Another aspect of nippy that is really valuable is that it can save/load datasets that are parts of arbitrary datastructures. So for example you can save the result of group-by-column:


user> (def tickers (ds/group-by-column "ticker" ds-2010))
#'user/tickers
user> (type tickers)
clojure.lang.PersistentHashMap
user> (count tickers)
11532
user> (first tickers)
["RBYCF" RBYCF [261 12]:

|     low | comp_name_2 |    high | currency_code |     comp_name | m_ticker | ticker |   close |   volume | exchange |       date |    open |
|--------:|-------------|--------:|---------------|---------------|----------|--------|--------:|---------:|----------|------------|--------:|
|         |             |         |           USD | RUBICON MNRLS |     RUBI |  RBYCF | 759.677 |          |      OTC | 2010-01-01 |         |
| 795.161 |             | 827.419 |           USD | RUBICON MNRLS |     RUBI |  RBYCF | 800.000 | 3596.775 |      OTC | 2010-01-12 | 816.129 |
| 741.935 |             | 779.032 |           USD | RUBICON MNRLS |     RUBI |  RBYCF | 758.064 | 5490.292 |      OTC | 2010-01-20 | 779.032 |
| 645.161 |             | 688.710 |           USD | RUBICON MNRLS |     RUBI |  RBYCF | 682.258 | 6201.953 |      OTC | 2010-01-28 | 669.355 |
| 685.484 |             | 725.806 |           USD | RUBICON MNRLS |     RUBI |  RBYCF | 687.097 | 3491.220 |      OTC | 2010-02-08 | 714.516 |
| 750.000 |             | 783.871 |           USD | RUBICON MNRLS |     RUBI |  RBYCF | 770.968 | 2927.057 |      OTC | 2010-02-17 | 780.645 |
...

group-by andgroup-by-column` both return persistent maps of key->dataset.

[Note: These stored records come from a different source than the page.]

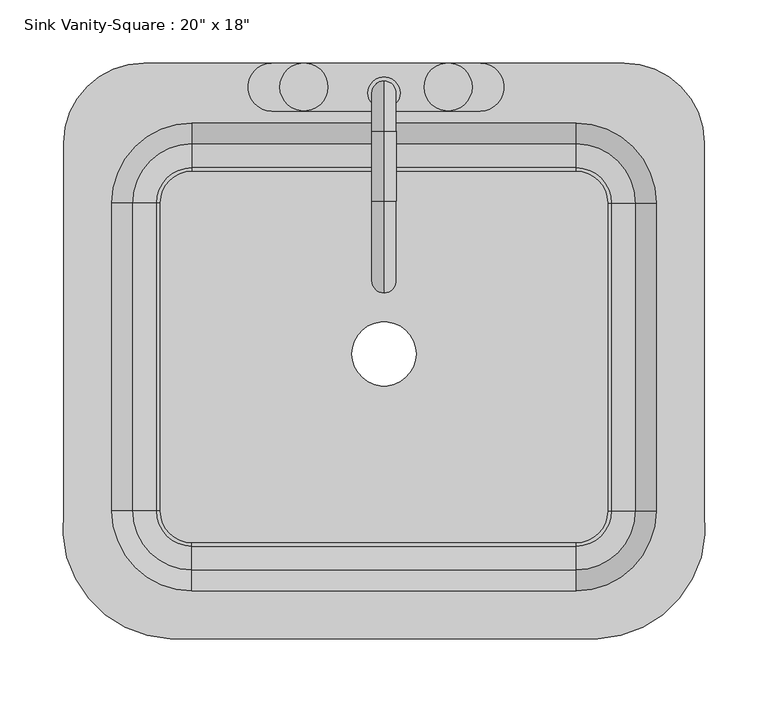
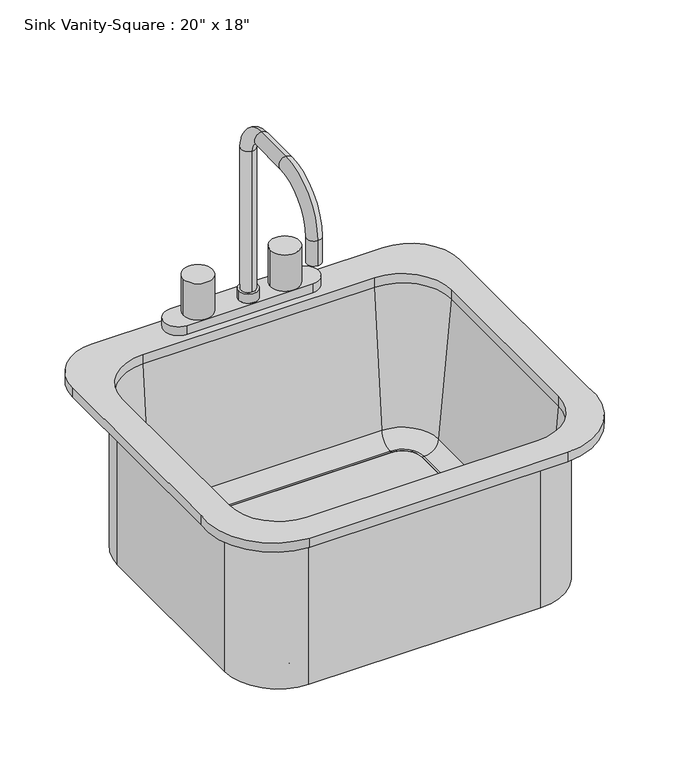
"""IFC4 building model written with IfcOpenShell, lengths in millimetres: flow terminal geometry."""

from ifc_helpers import new_model, si_unit, point, frame, frame_2d, origin, place, context, project, spatial, polyline, circle_curve, ellipse_curve, trimmed, segment, composite_curve, outline, extrude, source, transform, mapped, element, save
from ifc_brep_helpers import plane_surface, cylinder_surface, revolved_surface, advanced_brep


def flow_terminal_62a433f7(model_context):
    return source(origin(), model_context, "Body", "SolidModel", [
        advanced_brep(
        [(-153.9606923, -277.0545989, 800.1), (185.3391735, -277.0545989, 800.1), (269.6892406, -175.4545989, 800.1), (269.6892406, 116.6454011, 800.1), (206.1892406, 180.1454011, 800.1), (-174.8107593, 180.1454011, 800.1), (-238.3107593, 116.6454011, 800.1), (-238.3107593, -175.4545982, 800.1), (168.0892406, 132.5204011, 800.1), (231.5892406, 69.0204011, 800.1), (231.5892406, -175.4545989, 800.1), (168.0892406, -238.9545989, 800.1), (-136.7107594, -238.9545989, 800.1), (-200.2107594, -175.4545989, 800.1), (-200.2107594, 69.0204011, 800.1), (-136.7107594, 132.5204011, 800.1), (-153.9606923, -277.0545989, 787.4), (-238.3107593, -175.4545982, 787.4), (-238.3107593, 116.6454011, 787.4), (-174.8107593, 180.1454011, 787.4), (206.1892406, 180.1454011, 787.4), (269.6892406, 116.6454011, 787.4), (269.6892406, -175.4545989, 787.4), (185.3391735, -277.0545989, 787.4), (237.9392406, 69.0204011, 787.4), (168.0892406, 138.8704011, 787.4), (-136.7107594, 138.8704011, 787.4), (-206.5607594, 69.0204011, 787.4), (-206.5607594, -175.4545989, 787.4), (-136.7107594, -245.3045989, 787.4), (168.0892406, -245.3045989, 787.4), (237.9392406, -175.4545989, 787.4), (168.0892406, 132.5204011, 787.4), (231.5892406, 69.0204011, 787.4), (231.5892406, -175.4545989, 787.4), (168.0892406, -238.9545989, 787.4), (-136.7107594, -238.9545989, 787.4), (-200.2107594, -175.4545989, 787.4), (-200.2107594, 69.0204011, 787.4), (-136.7107594, 132.5204011, 787.4), (237.9392406, 69.0204011, 571.5), (168.0892406, 138.8704011, 571.5), (193.4892406, 69.0204011, 571.5), (168.0892406, 94.4204011, 571.5), (193.4892406, 69.0204011, 581.025), (168.0892406, 94.4204011, 581.025), (196.0776588, 69.0204011, 581.025), (168.0892406, 97.0088193, 581.025), (215.0551678, 69.0204011, 598.4146831), (168.0892406, 115.9863283, 598.4146831), (237.9392406, -175.4545989, 571.5), (193.4892406, -175.4545989, 571.5), (193.4892406, -175.4545989, 581.025), (196.0776588, -175.4545989, 581.025), (215.0551678, -175.4545989, 598.4146831), (168.0892406, -245.3045989, 571.5), (168.0892406, -200.8545989, 571.5), (168.0892406, -200.8545989, 581.025), (168.0892406, -203.4430171, 581.025), (168.0892406, -222.4205261, 598.4146831), (-136.7107594, -245.3045989, 571.5), (-136.7107594, -200.8545989, 571.5), (-136.7107594, -200.8545989, 581.025), (-136.7107594, -203.4430171, 581.025), (-136.7107594, -222.4205261, 598.4146831), (-206.5607594, -175.4545989, 571.5), (-162.1107594, -175.4545989, 571.5), (-162.1107594, -175.4545989, 581.025), (-164.6991776, -175.4545989, 581.025), (-183.6766866, -175.4545989, 598.4146831), (-206.5607594, 69.0204011, 571.5), (-162.1107594, 69.0204011, 571.5), (-162.1107594, 69.0204011, 581.025), (-164.6991776, 69.0204011, 581.025), (-183.6766866, 69.0204011, 598.4146831), (-136.7107594, 138.8704011, 571.5), (-136.7107594, 94.4204011, 571.5), (-136.7107594, 94.4204011, 581.025), (-136.7107594, 97.0088193, 581.025), (-136.7107594, 115.9863283, 598.4146831)],
        [
            (0, 1),
            (1, 2, circle_curve(frame((181.5319557, -188.0793432, 800.1), z_axis=(0.0, 0.0, 1.0), x_axis=(1.0, 0.0, 0.0)), 89.0566732)),
            (2, 3),
            (3, 4, circle_curve(frame((206.1892406, 116.6454011, 800.1), z_axis=(0.0, 0.0, 1.0), x_axis=(1.0, 0.0, 0.0)), 63.5)),
            (4, 5),
            (5, 6, circle_curve(frame((-174.8107593, 116.6454011, 800.1), z_axis=(0.0, 0.0, 1.0), x_axis=(1.0, 0.0, 0.0)), 63.5)),
            (6, 7),
            (7, 0, circle_curve(frame((-150.1534746, -188.0793432, 800.1), z_axis=(0.0, 0.0, 1.0), x_axis=(1.0, 0.0, 0.0)), 89.0566732)),
            (8, 9, circle_curve(frame((168.0892406, 69.0204011, 800.1), z_axis=(0.0, 0.0, -1.0), x_axis=(1.0, 0.0, 0.0)), 63.5)),
            (9, 10),
            (10, 11, circle_curve(frame((168.0892406, -175.4545989, 800.1), z_axis=(0.0, 0.0, -1.0), x_axis=(1.0, 0.0, 0.0)), 63.5)),
            (11, 12),
            (12, 13, circle_curve(frame((-136.7107594, -175.4545989, 800.1), z_axis=(0.0, 0.0, -1.0), x_axis=(1.0, 0.0, 0.0)), 63.5)),
            (13, 14),
            (14, 15, circle_curve(frame((-136.7107594, 69.0204011, 800.1), z_axis=(0.0, 0.0, -1.0), x_axis=(1.0, 0.0, 0.0)), 63.5)),
            (15, 8),
            (16, 17, circle_curve(frame((-150.1534746, -188.0793432, 787.4), z_axis=(0.0, 0.0, -1.0), x_axis=(1.0, 0.0, 0.0)), 89.0566732)),
            (17, 18),
            (18, 19, circle_curve(frame((-174.8107593, 116.6454011, 787.4), z_axis=(0.0, 0.0, -1.0), x_axis=(1.0, 0.0, 0.0)), 63.5)),
            (19, 20),
            (20, 21, circle_curve(frame((206.1892406, 116.6454011, 787.4), z_axis=(0.0, 0.0, -1.0), x_axis=(1.0, 0.0, 0.0)), 63.5)),
            (21, 22),
            (22, 23, circle_curve(frame((181.5319557, -188.0793432, 787.4), z_axis=(0.0, 0.0, -1.0), x_axis=(1.0, 0.0, 0.0)), 89.0566732)),
            (23, 16),
            (24, 25, circle_curve(frame((168.0892406, 69.0204011, 787.4), z_axis=(0.0, 0.0, 1.0), x_axis=(0.0, 1.0, 0.0)), 69.85)),
            (25, 26),
            (26, 27, circle_curve(frame((-136.7107594, 69.0204011, 787.4), z_axis=(0.0, 0.0, 1.0), x_axis=(-1.0, 0.0, 0.0)), 69.85)),
            (27, 28),
            (28, 29, circle_curve(frame((-136.7107594, -175.4545989, 787.4), z_axis=(0.0, 0.0, 1.0), x_axis=(0.0, -1.0, 0.0)), 69.85)),
            (29, 30),
            (30, 31, circle_curve(frame((168.0892406, -175.4545989, 787.4), z_axis=(0.0, 0.0, 1.0), x_axis=(1.0, 0.0, 0.0)), 69.85)),
            (31, 24),
            (0, 16),
            (23, 1),
            (22, 2),
            (21, 3),
            (20, 4),
            (19, 5),
            (18, 6),
            (17, 7),
            (8, 32),
            (32, 33, circle_curve(frame((168.0892406, 69.0204011, 787.4), z_axis=(0.0, 0.0, -1.0), x_axis=(1.0, 0.0, 0.0)), 63.5)),
            (33, 9),
            (33, 34),
            (34, 10),
            (34, 35, circle_curve(frame((168.0892406, -175.4545989, 787.4), z_axis=(0.0, 0.0, -1.0), x_axis=(1.0, 0.0, 0.0)), 63.5)),
            (35, 11),
            (35, 36),
            (36, 12),
            (36, 37, circle_curve(frame((-136.7107594, -175.4545989, 787.4), z_axis=(0.0, 0.0, -1.0), x_axis=(1.0, 0.0, 0.0)), 63.5)),
            (37, 13),
            (37, 38),
            (38, 14),
            (38, 39, circle_curve(frame((-136.7107594, 69.0204011, 787.4), z_axis=(0.0, 0.0, -1.0), x_axis=(1.0, 0.0, 0.0)), 63.5)),
            (39, 15),
            (39, 32),
            (40, 41, circle_curve(frame((168.0892406, 69.0204011, 571.5), z_axis=(0.0, 0.0, 1.0), x_axis=(0.0, 1.0, 0.0)), 69.85)),
            (41, 25),
            (24, 40),
            (40, 42),
            (42, 43, circle_curve(frame((168.0892406, 69.0204011, 571.5), z_axis=(0.0, 0.0, 1.0), x_axis=(0.0, 1.0, 0.0)), 25.4)),
            (43, 41),
            (42, 44),
            (44, 45, circle_curve(frame((168.0892406, 69.0204011, 581.025), z_axis=(0.0, 0.0, 1.0), x_axis=(0.0, 1.0, 0.0)), 25.4)),
            (45, 43),
            (44, 46),
            (46, 47, circle_curve(frame((168.0892406, 69.0204011, 581.025), z_axis=(0.0, 0.0, 1.0), x_axis=(0.0, 1.0, 0.0)), 27.9884182)),
            (47, 45),
            (46, 48, circle_curve(frame((196.0776588, 69.0204011, 600.075), z_axis=(0.0, -1.0, 0.0), x_axis=(1.0, 0.0, 0.0)), 19.05)),
            (48, 49, circle_curve(frame((168.0892406, 69.0204011, 598.4146831), z_axis=(0.0, 0.0, 1.0), x_axis=(0.0, 1.0, 0.0)), 46.9659272)),
            (49, 47, circle_curve(frame((168.0892406, 97.0088193, 600.075), z_axis=(-1.0, 0.0, 0.0), x_axis=(0.0, 1.0, 0.0)), 19.05)),
            (48, 33),
            (32, 49),
            (31, 50),
            (50, 40),
            (50, 51),
            (51, 42),
            (51, 52),
            (52, 44),
            (52, 53),
            (53, 46),
            (53, 54, circle_curve(frame((196.0776588, -175.4545989, 600.075), z_axis=(0.0, -1.0, 0.0), x_axis=(1.0, 0.0, 0.0)), 19.05)),
            (54, 48),
            (54, 34),
            (30, 55),
            (55, 50, circle_curve(frame((168.0892406, -175.4545989, 571.5), z_axis=(0.0, 0.0, 1.0), x_axis=(1.0, 0.0, 0.0)), 69.85)),
            (55, 56),
            (56, 51, circle_curve(frame((168.0892406, -175.4545989, 571.5), z_axis=(0.0, 0.0, 1.0), x_axis=(1.0, 0.0, 0.0)), 25.4)),
            (56, 57),
            (57, 52, circle_curve(frame((168.0892406, -175.4545989, 581.025), z_axis=(0.0, 0.0, 1.0), x_axis=(1.0, 0.0, 0.0)), 25.4)),
            (57, 58),
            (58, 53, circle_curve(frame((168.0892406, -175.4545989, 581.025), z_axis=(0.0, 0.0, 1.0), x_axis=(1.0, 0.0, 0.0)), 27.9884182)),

user> (tech.io/put-nippy! "ticker-sorted.nippy" tickers)
nil
user> (def loaded-tickers (tech.io/get-nippy "ticker-sorted.nippy"))
#'user/loaded-tickers
user> (count loaded-tickers)
11532
user> (first loaded-tickers)
["RBYCF" RBYCF [261 12]:

|     low | comp_name_2 |    high | currency_code |     comp_name | m_ticker | ticker |   close |   volume | exchange |       date |    open |
|--------:|-------------|--------:|---------------|---------------|----------|--------|--------:|---------:|----------|------------|--------:|
|         |             |         |           USD | RUBICON MNRLS |     RUBI |  RBYCF | 759.677 |          |      OTC | 2010-01-01 |         |
| 795.161 |             | 827.419 |           USD | RUBICON MNRLS |     RUBI |  RBYCF | 800.000 | 3596.775 |      OTC | 2010-01-12 | 816.129 |
| 741.935 |             | 779.032 |           USD | RUBICON MNRLS |     RUBI |  RBYCF | 758.064 | 5490.292 |      OTC | 2010-01-20 | 779.032 |
| 645.161 |             | 688.710 |           USD | RUBICON MNRLS |     RUBI |  RBYCF | 682.258 | 6201.953 |      OTC | 2010-01-28 | 669.355 |
| 685.484 |             | 725.806 |           USD | RUBICON MNRLS |     RUBI |  RBYCF | 687.097 | 3491.220 |      OTC | 2010-02-08 | 714.516 |
| 750.000 |             | 783.871 |           USD | RUBICON MNRLS |     RUBI |  RBYCF | 770.968 | 2927.057 |      OTC | 2010-02-17 | 780.645 |

Thus datasets can be used in maps, vectors, you name it and you can load/save those really complex datastructures. That can be a big help for complex dataflows.

Simple Implementation

Our implementation of save/load for this pathway goes through two public functions:

  • dataset->data - Convert a dataset into a pure clojure/java datastructure suitable for serialization. Data is in arrays and string tables have been slightly deconstructed.

  • data->dataset - Given a data-description of a dataset create a new dataset. This is mainly a zero copy operation so it should be quite quick.

Near those functions you can see how easy it was to implement direct nippy support for the dataset object itself. Really nice, Nippy is truly a great library :-).